Возмущенные протесты, поступившие в парламент из Виргинии, Пенсильвании и других колоний, показали, что сопротивление Закону о пошлинах распространилось по всей Северной Америке, и безучастные цифры подтвердили этот факт. С 1768 по 1769 год английский экспорт в Америку упал на треть — с 2 400 000 до 1 600 000 фунтов стерлингов. Нью-Йорк сократил свой импорт до 1/7 того, что было в 1764 году, то есть с 482 000 фунтов стерлингов до 74 000 фунтов в 1769 году. Ввоз товаров в Бостон сократился вдвое, в других колониях, где политика отказа от импорта носила спорадический характер, эти потери были меньше. В первый год после введения пошлин Тауншенда таможенные сборы составили 16 000 фунтов, а военные затраты на Америку — 160 000 фунтов стерлингов. Даже секретарь по делам колоний Хиллсборо вынужден был признать, что законы Тауншенда оказались «такими антикоммерческими, что лучше бы их вовсе не было», а новый канцлер казначейства лорд Норт заявил, что законы настолько абсурдны, что он не понимает, как они прошли через британский парламент. Заметим, что оба джентльмена проголосовали за закон, который теперь осуждали.
Вместо того чтобы успокоить колонии, дабы те поскорее покончили с политикой отказа от импорта, правительство инстинктивно прибегло к карательным мерам. Противопоставив себя гражданам, министры решили, что просто обязаны продемонстрировать свою власть, и тем нагляднее, чем сильнее страшились американского протеста: не дай Бог, английские и ирландские толпы возьмут пример с колоний. Хиллсборо, подобно Ровоаму, верил в то, что с народом нужно вести себя по возможности жестко.
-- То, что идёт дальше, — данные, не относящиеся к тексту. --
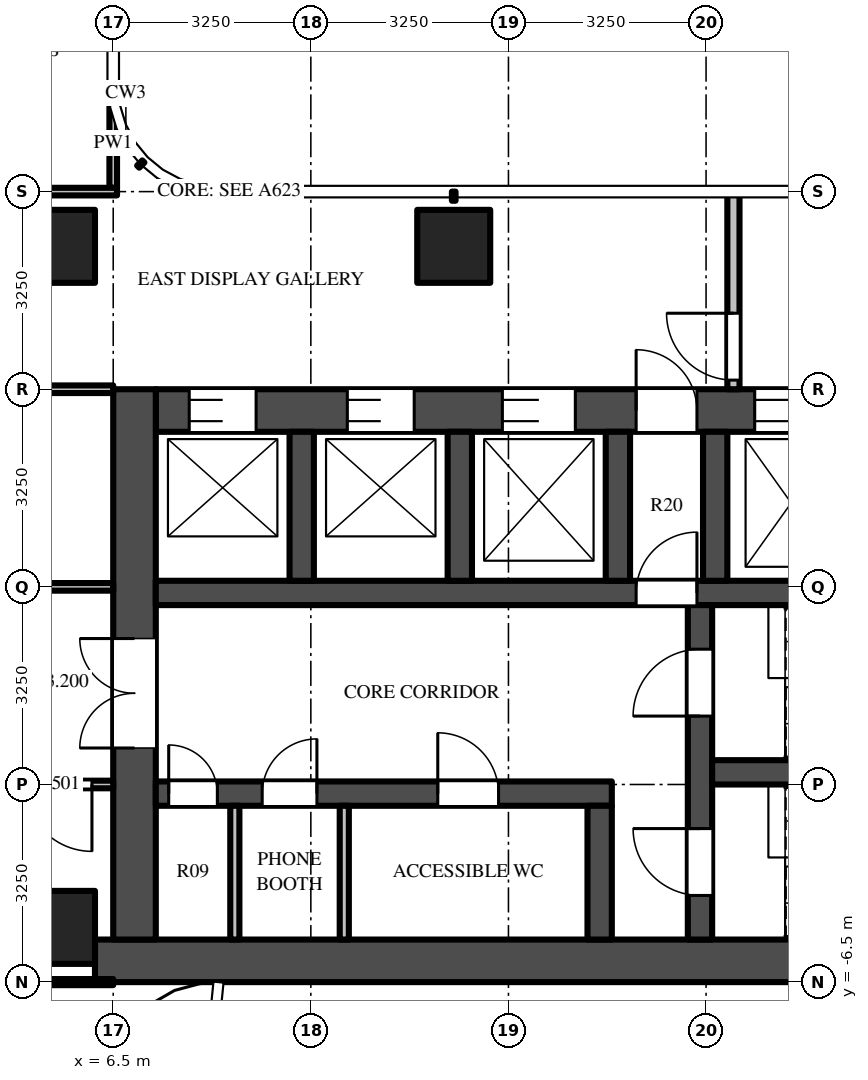
"""IFC4 building model, lengths in metres.
Left out: names, types, materials, properties, quantities, classifications, styles, units other than length and angle.
Written with IfcOpenShell. Run it as: python <this file> out.ifc"""

import sys

from ifc_helpers import new_model, si_unit, direction, frame, frame_2d, origin, origin_2d, place, context, subcontext, project, spatial, rectangle, extrude, source, transform, mapped, element, fill, save


model = new_model("IFC4")
c1 = context("Model", 3, precision=1e-05, world=origin(), true_north=direction((0.0, 1.0)))
c2 = subcontext(c1, "Body", "Model", "MODEL_VIEW")
j1 = project(units=[si_unit("LENGTHUNIT", "METRE"), si_unit("PLANEANGLEUNIT", "RADIAN")], contexts=[c1])
p1 = place(None, origin())
s1 = spatial("IfcSite", under=j1, at=p1, CompositionType="ELEMENT")
p2 = place(p1, origin())
s2 = spatial("IfcBuilding", under=s1, at=p2, CompositionType="ELEMENT")
p3 = place(p2, frame((0.0, 0.0, 193.2)))
s3 = spatial("IfcBuildingStorey", under=s2, at=p3, CompositionType="ELEMENT", Elevation=193.2)
m1 = source(origin(), c2, "Body", "SweptSolid", [
    extrude(rectangle(XDim=1.2, YDim=1.2, at=origin_2d()), origin(), (0.0, 0.0, 1.0), 3.9),
])
for number, where, z_axis, x_axis in (
    (1, (12.1, 5.6, 0.0), (0.0, 0.0, 1.0), (1.0, 0.0, 0.0)),
    (2, (5.6, 5.6, 0.0), (0.0, 0.0, 1.0), (1.0, 0.0, 0.0)),
    (3, (5.6, -5.6, 0.0), (0.0, 0.0, 1.0), (1.0, 0.0, 0.0)),
):
    element("IfcColumn", number, at=place(p3, frame(where, z_axis=z_axis, x_axis=x_axis)), inside=s3, PredefinedType="COLUMN", context=c2, shape_type="MappedRepresentation", body=[
        mapped(m1, transform((0.0, 0.0, 0.0))),
    ])
m2 = source(origin(), c2, "Body", "SweptSolid", [
    extrude(rectangle(XDim=16.55, YDim=0.7, at=frame_2d((8.275, 0.0))), origin(), (0.0, 0.0, 1.0), 3.7),
])
p4 = place(p3, frame((6.2, -6.15, 0.0), z_axis=(0.0, 0.0, 1.0), x_axis=(1.0, 0.0, 0.0)))
e4 = element("IfcWall", 4, at=p4, inside=s3, PredefinedType="SHEAR", context=c2, shape_type="MappedRepresentation", body=[
    mapped(m2, transform((0.0, 0.0, 0.0))),
])
m3 = source(origin(), c2, "Body", "SweptSolid", [
    extrude(rectangle(XDim=14.85, YDim=0.7, at=frame_2d((7.425, 0.0))), origin(), (0.0, 0.0, 1.0), 3.7),
])
p5 = place(p3, frame((7.2, 2.9, 0.0), z_axis=(0.0, 0.0, 1.0), x_axis=(1.0, 0.0, 0.0)))
e5 = element("IfcWall", 5, at=p5, inside=s3, PredefinedType="SHEAR", context=c2, shape_type="MappedRepresentation", body=[
    mapped(m3, transform((0.0, 0.0, 0.0))),
])
m4 = source(origin(), c2, "Body", "SweptSolid", [
    extrude(rectangle(XDim=1.1, YDim=2.1, at=frame_2d((0.55, 1.05))), frame((0.0, 0.36, 0.0), z_axis=(0.0, -1.0, 0.0), x_axis=(1.0, 0.0, 0.0)), (0.0, 0.0, 1.0), 0.72),
])
p6 = place(p5, frame((0.55, 0.0, 0.0)))
e6 = element("IfcOpeningElement", 6, at=p6, cuts=e5, PredefinedType="OPENING", context=c2, shape_type="MappedRepresentation", body=[
    mapped(m4, transform((0.0, 0.0, 0.0))),
])
p7 = place(p5, frame((3.15, 0.0, 0.0)))
e7 = element("IfcOpeningElement", 7, at=p7, cuts=e5, PredefinedType="OPENING", context=c2, shape_type="MappedRepresentation", body=[
    mapped(m4, transform((0.0, 0.0, 0.0))),
])
m5 = source(origin(), c2, "Body", "SweptSolid", [
    extrude(rectangle(XDim=1.2, YDim=2.1, at=frame_2d((0.6, 1.05))), frame((0.0, 0.36, 0.0), z_axis=(0.0, -1.0, 0.0), x_axis=(1.0, 0.0, 0.0)), (0.0, 0.0, 1.0), 0.72),
])
p8 = place(p5, frame((5.7, 0.0, 0.0)))
e8 = element("IfcOpeningElement", 8, at=p8, cuts=e5, PredefinedType="OPENING", context=c2, shape_type="MappedRepresentation", body=[
    mapped(m5, transform((0.0, 0.0, 0.0))),
])
m6 = source(origin(), c2, "Body", "SweptSolid", [
    extrude(rectangle(XDim=1.3, YDim=2.1, at=frame_2d((0.65, 1.05))), frame((0.0, 0.36, 0.0), z_axis=(0.0, -1.0, 0.0), x_axis=(1.0, 0.0, 0.0)), (0.0, 0.0, 1.0), 0.72),
])
p9 = place(p5, frame((12.2, 0.0, 0.0)))
e9 = element("IfcOpeningElement", 9, at=p9, cuts=e5, PredefinedType="OPENING", context=c2, shape_type="MappedRepresentation", body=[
    mapped(m6, transform((0.0, 0.0, 0.0))),
])
p10 = place(p5, frame((9.85, 0.0, 0.0)))
e10 = element("IfcOpeningElement", 10, at=p10, cuts=e5, PredefinedType="OPENING", context=c2, shape_type="MappedRepresentation", body=[
    mapped(m5, transform((0.0, 0.0, 0.0))),
])
m7 = source(origin(), c2, "Body", "SweptSolid", [
    extrude(rectangle(XDim=1.0, YDim=2.1, at=frame_2d((0.5, 1.05))), frame((0.0, 0.36, 0.0), z_axis=(0.0, -1.0, 0.0), x_axis=(1.0, 0.0, 0.0)), (0.0, 0.0, 1.0), 0.72),
])
p11 = place(p5, frame((7.9, 0.0, 0.0)))
e11 = element("IfcOpeningElement", 11, at=p11, cuts=e5, PredefinedType="OPENING", context=c2, shape_type="MappedRepresentation", body=[
    mapped(m7, transform((0.0, 0.0, 0.0))),
])
m8 = source(origin(), c2, "Body", "SweptSolid", [
    extrude(rectangle(XDim=9.05, YDim=0.7, at=frame_2d((4.525, 0.0))), origin(), (0.0, 0.0, 1.0), 3.7),
])
p12 = place(p3, frame((6.85, -5.8, 0.0), z_axis=(0.0, 0.0, 1.0), x_axis=(0.0, 1.0, 0.0)))
e12 = element("IfcWall", 12, at=p12, inside=s3, PredefinedType="SHEAR", context=c2, shape_type="MappedRepresentation", body=[
    mapped(m8, transform((0.0, 0.0, 0.0))),
])
m9 = source(origin(), c2, "Body", "SweptSolid", [
    extrude(rectangle(XDim=1.8, YDim=2.1, at=frame_2d((0.9, 1.05))), frame((0.0, 0.36, 0.0), z_axis=(0.0, -1.0, 0.0), x_axis=(1.0, 0.0, 0.0)), (0.0, 0.0, 1.0), 0.72),
])
p13 = place(p12, frame((3.15, 0.0, 0.0)))
e13 = element("IfcOpeningElement", 13, at=p13, cuts=e12, PredefinedType="OPENING", context=c2, shape_type="MappedRepresentation", body=[
    mapped(m9, transform((0.0, 0.0, 0.0))),
])
m10 = source(origin(), c2, "Body", "SweptSolid", [
    extrude(rectangle(XDim=7.5, YDim=0.4, at=frame_2d((3.75, 0.0))), origin(), (0.0, 0.0, 1.0), 3.7),
])
p14 = place(p3, frame((7.2, -3.4, 0.0), z_axis=(0.0, 0.0, 1.0), x_axis=(1.0, 0.0, 0.0)))
e14 = element("IfcWall", 14, at=p14, inside=s3, PredefinedType="SHEAR", context=c2, shape_type="MappedRepresentation", body=[
    mapped(m10, transform((0.0, 0.0, 0.0))),
])
m11 = source(origin(), c2, "Body", "SweptSolid", [
    extrude(rectangle(XDim=0.8, YDim=2.1, at=frame_2d((0.4, 1.05))), frame((0.0, 0.21, 0.0), z_axis=(0.0, -1.0, 0.0), x_axis=(1.0, 0.0, 0.0)), (0.0, 0.0, 1.0), 0.42),
])
p15 = place(p14, frame((0.212, 0.0, 0.0)))
e15 = element("IfcOpeningElement", 15, at=p15, cuts=e14, PredefinedType="OPENING", context=c2, shape_type="MappedRepresentation", body=[
    mapped(m11, transform((0.0, 0.0, 0.0))),
])
m12 = source(origin(), c2, "Body", "SweptSolid", [
    extrude(rectangle(XDim=0.9, YDim=2.1, at=frame_2d((0.45, 1.05))), frame((0.0, 0.21, 0.0), z_axis=(0.0, -1.0, 0.0), x_axis=(1.0, 0.0, 0.0)), (0.0, 0.0, 1.0), 0.42),
])
p16 = place(p14, frame((1.75, 0.0, 0.0)))
e16 = element("IfcOpeningElement", 16, at=p16, cuts=e14, PredefinedType="OPENING", context=c2, shape_type="MappedRepresentation", body=[
    mapped(m12, transform((0.0, 0.0, 0.0))),
])
m13 = source(origin(), c2, "Body", "SweptSolid", [
    extrude(rectangle(XDim=1.0, YDim=2.1, at=frame_2d((0.5, 1.05))), frame((0.0, 0.21, 0.0), z_axis=(0.0, -1.0, 0.0), x_axis=(1.0, 0.0, 0.0)), (0.0, 0.0, 1.0), 0.42),
])
p17 = place(p14, frame((4.637, 0.0, 0.0)))
e17 = element("IfcOpeningElement", 17, at=p17, cuts=e14, PredefinedType="OPENING", context=c2, shape_type="MappedRepresentation", body=[
    mapped(m13, transform((0.0, 0.0, 0.0))),
])
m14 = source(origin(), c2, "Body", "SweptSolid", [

Хиллсборо возродил статут автократической эпохи Генриха VIII — о судебном преследовании в Англии лиц, обвиненных в измене, совершенной за пределами королевства, а герцог Бедфорд провел закон через парламент, при этом имелись в виду беспорядки в Массачусетсе. Палата общин согласилась с этим предложением, у правительства не было возражений, и соответствующий приказ тут же передали губернатору Бернарду в Бостон. Реакция, естественно, была бурной. Сограждан забирали из дома и отправляли в суд за три тысячи миль, отрывали от друзей и защитников! Это была тирания в чистом виде!
Англия тем временем расхлебывала последствия американского бойкота. Правительство и парламент, спровоцировавшие бойкот, стали думать, как исправить нанесенный ущерб. Процесс отмены законов Тауншенда занял больше года — с марта 1769 по май 1770 года. Между тем другие меры, принятые ради наведения порядка в колониях, привели к обратному результату.